Operas and oratorios highly conducive to this method of singing were composed by George Frideric Handel (1685–1759) and his contemporaries during the Baroque period. They contained da capo arias which were designed to provide solo singers with plentiful opportunities to display their technical skill and demonstrate their ability to improvise on the spot by embellishing the written score in a (hopefully) tasteful and illuminating manner. Da capo arias featured extensive and elaborate ornamentation, demanding much from the vocalist in the way of fluent runs, trills, turns (gruppetti), mordents, morendi, roulades, staccato passages, appoggiaturas, acciaccaturas, marcato notes, messa di voce effects, rapid scales, wide leaps spanning two octaves or more and brilliant cadenzas. In short: what is commonly referred to by opera-goers as coloratura.

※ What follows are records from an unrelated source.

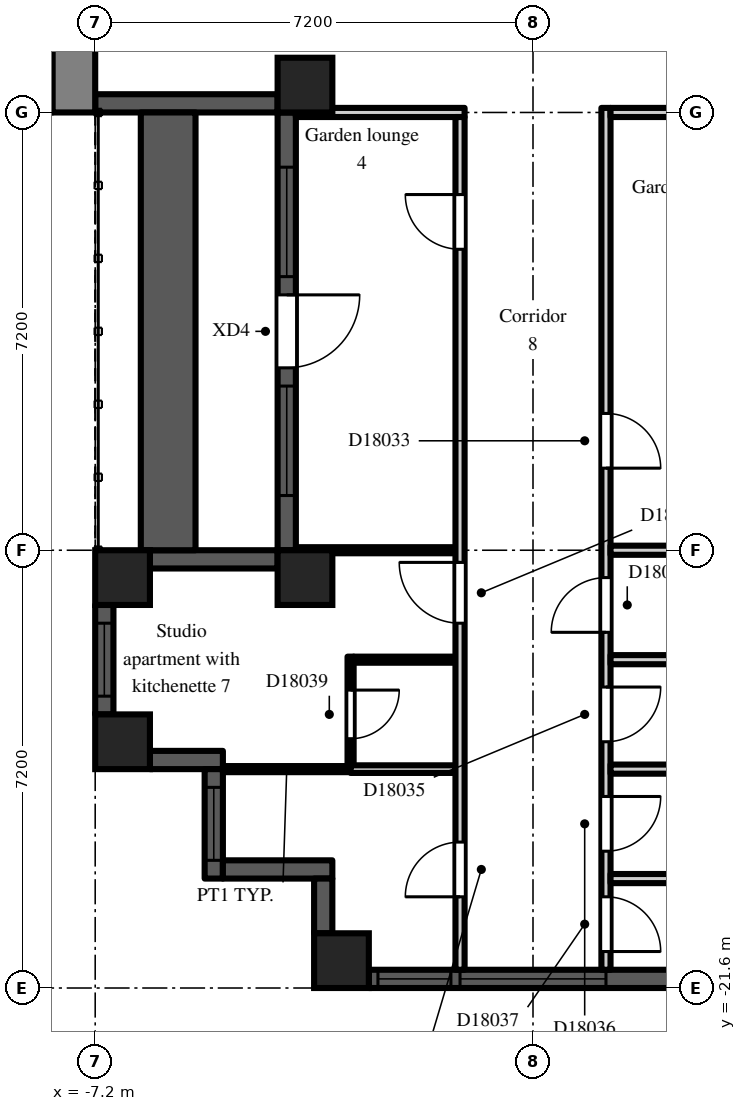
"""IFC4 building model, lengths in metres.
Left out: names, types, materials, properties, quantities, classifications, styles, units other than length and angle.
Written with IfcOpenShell. Run it as: python <this file> out.ifc"""

import sys

from ifc_helpers import new_model, si_unit, direction, frame, frame_2d, origin, origin_2d, place, context, subcontext, project, spatial, rectangle, extrude, element, fill, save


model = new_model("IFC4")
c1 = context("Model", 3, precision=1e-05, world=origin(), true_north=direction((0.0, 1.0)))
c2 = subcontext(c1, "Body", "Model", "MODEL_VIEW")
j1 = project(units=[si_unit("LENGTHUNIT", "METRE"), si_unit("PLANEANGLEUNIT", "RADIAN")], contexts=[c1])
p1 = place(None, origin())
s1 = spatial("IfcSite", under=j1, at=p1, CompositionType="ELEMENT")
p2 = place(p1, origin())
s2 = spatial("IfcBuilding", under=s1, at=p2, CompositionType="ELEMENT")
p3 = place(p2, frame((0.0, 0.0, 120.3)))
s3 = spatial("IfcBuildingStorey", under=s2, at=p3, CompositionType="ELEMENT", Elevation=120.3)
for number, where, z_axis, x_axis in (
    (1, (-6.75, -17.55, 0.0), (0.0, 0.0, 1.0), (1.0, 0.0, 0.0)),
    (2, (-6.75, -14.85, 0.0), (0.0, 0.0, 1.0), (1.0, 0.0, 0.0)),
    (3, (-3.75, -14.85, 0.0), (0.0, 0.0, 1.0), (1.0, 0.0, 0.0)),
    (4, (-3.75, -6.75, 0.0), (0.0, 0.0, 1.0), (1.0, 0.0, 0.0)),
    (5, (-3.15, -21.15, 0.0), (0.0, 0.0, 1.0), (1.0, 0.0, 0.0)),
):
    element("IfcColumn", number, at=place(p3, frame(where, z_axis=z_axis, x_axis=x_axis)), inside=s3, PredefinedType="COLUMN", context=c2, shape_type="SweptSolid", body=[
        extrude(rectangle(XDim=0.9, YDim=0.9, at=origin_2d()), origin(), (0.0, 0.0, 1.0), 3.0),
    ])
p4 = place(p3, frame((-7.2, -7.05, 0.0), z_axis=(0.0, 0.0, 1.0), x_axis=(1.0, 0.0, 0.0)))
e6 = element("IfcWall", 6, at=p4, inside=s3, PredefinedType="SOLIDWALL", context=c2, shape_type="SweptSolid", body=[
    extrude(rectangle(XDim=3.0, YDim=0.3, at=frame_2d((1.5, 0.0))), origin(), (0.0, 0.0, 1.0), 2.2),
])
p5 = place(p3, frame((-4.05, -7.2, 0.0), z_axis=(0.0, 0.0, 1.0), x_axis=(0.0, -1.0, 0.0)))
e7 = element("IfcWall", 7, at=p5, inside=s3, PredefinedType="SOLIDWALL", context=c2, shape_type="SweptSolid", body=[
    extrude(rectangle(XDim=7.2, YDim=0.3, at=frame_2d((3.6, 0.0))), origin(), (0.0, 0.0, 1.0), 2.2),
])
p6 = place(p5, frame((3.0, 0.0, 0.0)))
e8 = element("IfcOpeningElement", 8, at=p6, cuts=e7, PredefinedType="OPENING", context=c2, shape_type="SweptSolid", body=[
    extrude(rectangle(XDim=1.2, YDim=2.05, at=frame_2d((0.6, 1.025))), frame((0.0, 0.16, 0.0), z_axis=(0.0, -1.0, 0.0), x_axis=(1.0, 0.0, 0.0)), (0.0, 0.0, 1.0), 0.32),
])
p7 = place(p5, frame((0.9, 0.0, 0.2)))
e9 = element("IfcOpeningElement", 9, at=p7, cuts=e7, PredefinedType="OPENING", context=c2, shape_type="SweptSolid", body=[
    extrude(rectangle(XDim=1.8, YDim=1.85, at=frame_2d((0.9, 0.925))), frame((0.0, 0.16, 0.0), z_axis=(0.0, -1.0, 0.0), x_axis=(1.0, 0.0, 0.0)), (0.0, 0.0, 1.0), 0.32),
])
p8 = place(p5, frame((4.5, 0.0, 0.2)))
e10 = element("IfcOpeningElement", 10, at=p8, cuts=e7, PredefinedType="OPENING", context=c2, shape_type="SweptSolid", body=[
    extrude(rectangle(XDim=1.8, YDim=1.85, at=frame_2d((0.9, 0.925))), frame((0.0, 0.16, 0.0), z_axis=(0.0, -1.0, 0.0), x_axis=(1.0, 0.0, 0.0)), (0.0, 0.0, 1.0), 0.32),
])
p9 = place(p3, frame((-4.2, -14.55, 0.0), z_axis=(0.0, 0.0, 1.0), x_axis=(-1.0, 0.0, 0.0)))
e11 = element("IfcWall", 11, at=p9, inside=s3, PredefinedType="SOLIDWALL", context=c2, shape_type="SweptSolid", body=[
    extrude(rectangle(XDim=2.1, YDim=0.3, at=frame_2d((1.05, 0.0))), origin(), (0.0, 0.0, 1.0), 2.2),
])
p10 = place(p3, frame((-7.05, -15.3, 0.0), z_axis=(0.0, 0.0, 1.0), x_axis=(0.0, -1.0, 0.0)))
e12 = element("IfcWall", 12, at=p10, inside=s3, PredefinedType="SOLIDWALL", context=c2, shape_type="SweptSolid", body=[
    extrude(rectangle(XDim=1.8, YDim=0.3, at=frame_2d((0.9, 0.0))), origin(), (0.0, 0.0, 1.0), 2.2),
])
p11 = place(p10, frame((0.3, 0.0, 0.2)))
e13 = element("IfcOpeningElement", 13, at=p11, cuts=e12, PredefinedType="OPENING", context=c2, shape_type="SweptSolid", body=[
    extrude(rectangle(XDim=1.2, YDim=1.85, at=frame_2d((0.6, 0.925))), frame((0.0, 0.16, 0.0), z_axis=(0.0, -1.0, 0.0), x_axis=(1.0, 0.0, 0.0)), (0.0, 0.0, 1.0), 0.32),
])
p12 = place(p3, frame((-6.3, -17.85, 0.0), z_axis=(0.0, 0.0, 1.0), x_axis=(1.0, 0.0, 0.0)))
e14 = element("IfcWall", 14, at=p12, inside=s3, PredefinedType="SOLIDWALL", context=c2, shape_type="SweptSolid", body=[
    extrude(rectangle(XDim=1.2, YDim=0.3, at=frame_2d((0.6, 0.0))), origin(), (0.0, 0.0, 1.0), 2.6),
])
p13 = place(p3, frame((-5.25, -18.0, 0.0), z_axis=(0.0, 0.0, 1.0), x_axis=(0.0, -1.0, 0.0)))
e15 = element("IfcWall", 15, at=p13, inside=s3, PredefinedType="SOLIDWALL", context=c2, shape_type="SweptSolid", body=[
    extrude(rectangle(XDim=1.8, YDim=0.3, at=frame_2d((0.9, 0.0))), origin(), (0.0, 0.0, 1.0), 2.6),
])
p14 = place(p13, frame((0.3, 0.0, 0.2)))
e16 = element("IfcOpeningElement", 16, at=p14, cuts=e15, PredefinedType="OPENING", context=c2, shape_type="SweptSolid", body=[
    extrude(rectangle(XDim=1.2, YDim=1.85, at=frame_2d((0.6, 0.925))), frame((0.0, 0.16, 0.0), z_axis=(0.0, -1.0, 0.0), x_axis=(1.0, 0.0, 0.0)), (0.0, 0.0, 1.0), 0.32),
])
p15 = place(p3, frame((-5.1, -19.65, 0.0), z_axis=(0.0, 0.0, 1.0), x_axis=(1.0, 0.0, 0.0)))
e17 = element("IfcWall", 17, at=p15, inside=s3, PredefinedType="SOLIDWALL", context=c2, shape_type="SweptSolid", body=[
    extrude(rectangle(XDim=1.8, YDim=0.3, at=frame_2d((0.9, 0.0))), origin(), (0.0, 0.0, 1.0), 2.6),
])
p16 = place(p3, frame((-3.45, -19.8, 0.0), z_axis=(0.0, 0.0, 1.0), x_axis=(0.0, -1.0, 0.0)))
e18 = element("IfcWall", 18, at=p16, inside=s3, PredefinedType="SOLIDWALL", context=c2, shape_type="SweptSolid", body=[
    extrude(rectangle(XDim=0.9, YDim=0.3, at=frame_2d((0.45, 0.0))), origin(), (0.0, 0.0, 1.0), 2.6),
])
p17 = place(p3, frame((-2.7, -21.45, 0.0), z_axis=(0.0, 0.0, 1.0), x_axis=(1.0, 0.0, 0.0)))
e19 = element("IfcWall", 19, at=p17, inside=s3, PredefinedType="SOLIDWALL", context=c2, shape_type="SweptSolid", body=[
    extrude(rectangle(XDim=5.4, YDim=0.3, at=frame_2d((2.7, 0.0))), origin(), (0.0, 0.0, 1.0), 2.2),
])
p18 = place(p17, frame((1.5, 0.0, 0.2)))
e20 = element("IfcOpeningElement", 20, at=p18, cuts=e19, PredefinedType="OPENING", context=c2, shape_type="SweptSolid", body=[
    extrude(rectangle(XDim=2.4, YDim=1.85, at=frame_2d((1.2, 0.925))), frame((0.0, 0.16, 0.0), z_axis=(0.0, -1.0, 0.0), x_axis=(1.0, 0.0, 0.0)), (0.0, 0.0, 1.0), 0.32),
])
p19 = place(p17, frame((0.15, 0.0, 0.2)))
e21 = element("IfcOpeningElement", 21, at=p19, cuts=e19, PredefinedType="OPENING", context=c2, shape_type="SweptSolid", body=[
    extrude(rectangle(XDim=1.2, YDim=1.85, at=frame_2d((0.6, 0.925))), frame((0.0, 0.16, 0.0), z_axis=(0.0, -1.0, 0.0), x_axis=(1.0, 0.0, 0.0)), (0.0, 0.0, 1.0), 0.32),
])
p20 = place(p3, frame((-6.0, -14.4, 0.0), z_axis=(0.0, 0.0, 1.0), x_axis=(0.0, 1.0, 0.0)))
e22 = element("IfcWall", 22, at=p20, inside=s3, PredefinedType="PARAPET", context=c2, shape_type="SweptSolid", body=[
    extrude(rectangle(XDim=7.2, YDim=0.9, at=frame_2d((3.6, 0.0))), origin(), (0.0, 0.0, 1.0), 0.8),
])
p21 = place(p3, frame((-7.55, -7.2, 0.0), z_axis=(0.0, 0.0, 1.0), x_axis=(0.0, 1.0, 0.0)))
e23 = element("IfcWall", 23, at=p21, inside=s3, PredefinedType="SHEAR", context=c2, shape_type="SweptSolid", body=[
    extrude(rectangle(XDim=14.4, YDim=0.7, at=frame_2d((7.2, 0.0))), origin(), (0.0, 0.0, 1.0), 2.6),
])
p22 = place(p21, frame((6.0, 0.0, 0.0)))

Two famous 18th-century teachers of coloratura vocalism were Antonio Bernacchi (1685–1756) and Nicola Porpora (1686–1768), but numerous others existed. A large proportion of these teachers were castrati. Singer/author John Potter declares in his book Tenor: History of a Voice (Yale University Press, 2009, p. 31) that: "For much of the 18th century castrati defined the art of singing; it was the loss of their irrecoverable skills that in time created the myth of bel canto, a way of singing and conceptualising singing that was entirely different from anything that the world had heard before or would hear again."
In a narrower application, the term "bel canto" is sometimes attached exclusively to Italian opera of the time of Gioachino Rossini (1792–1868), Vincenzo Bellini (1801–1835) and Gaetano Donizetti (1797–1848). These three composers wrote bravura works for the stage during what musicologists call the bel canto era, which lasted approximately from 1805 to 1840. The bel canto era preserved many of the Baroque's musical values, although such characteristic forms as opera seria and the da capo aria did not survive the passing of the 18th century. Changing tastes and social standards also killed off the operatic castrato voice and ensured the concomitant rise to singing supremacy of the prima donna soprano and the virtuoso tenor. (The last important opera role for a castrato was written in 1824 by Giacomo Meyerbeer [1791-1864].)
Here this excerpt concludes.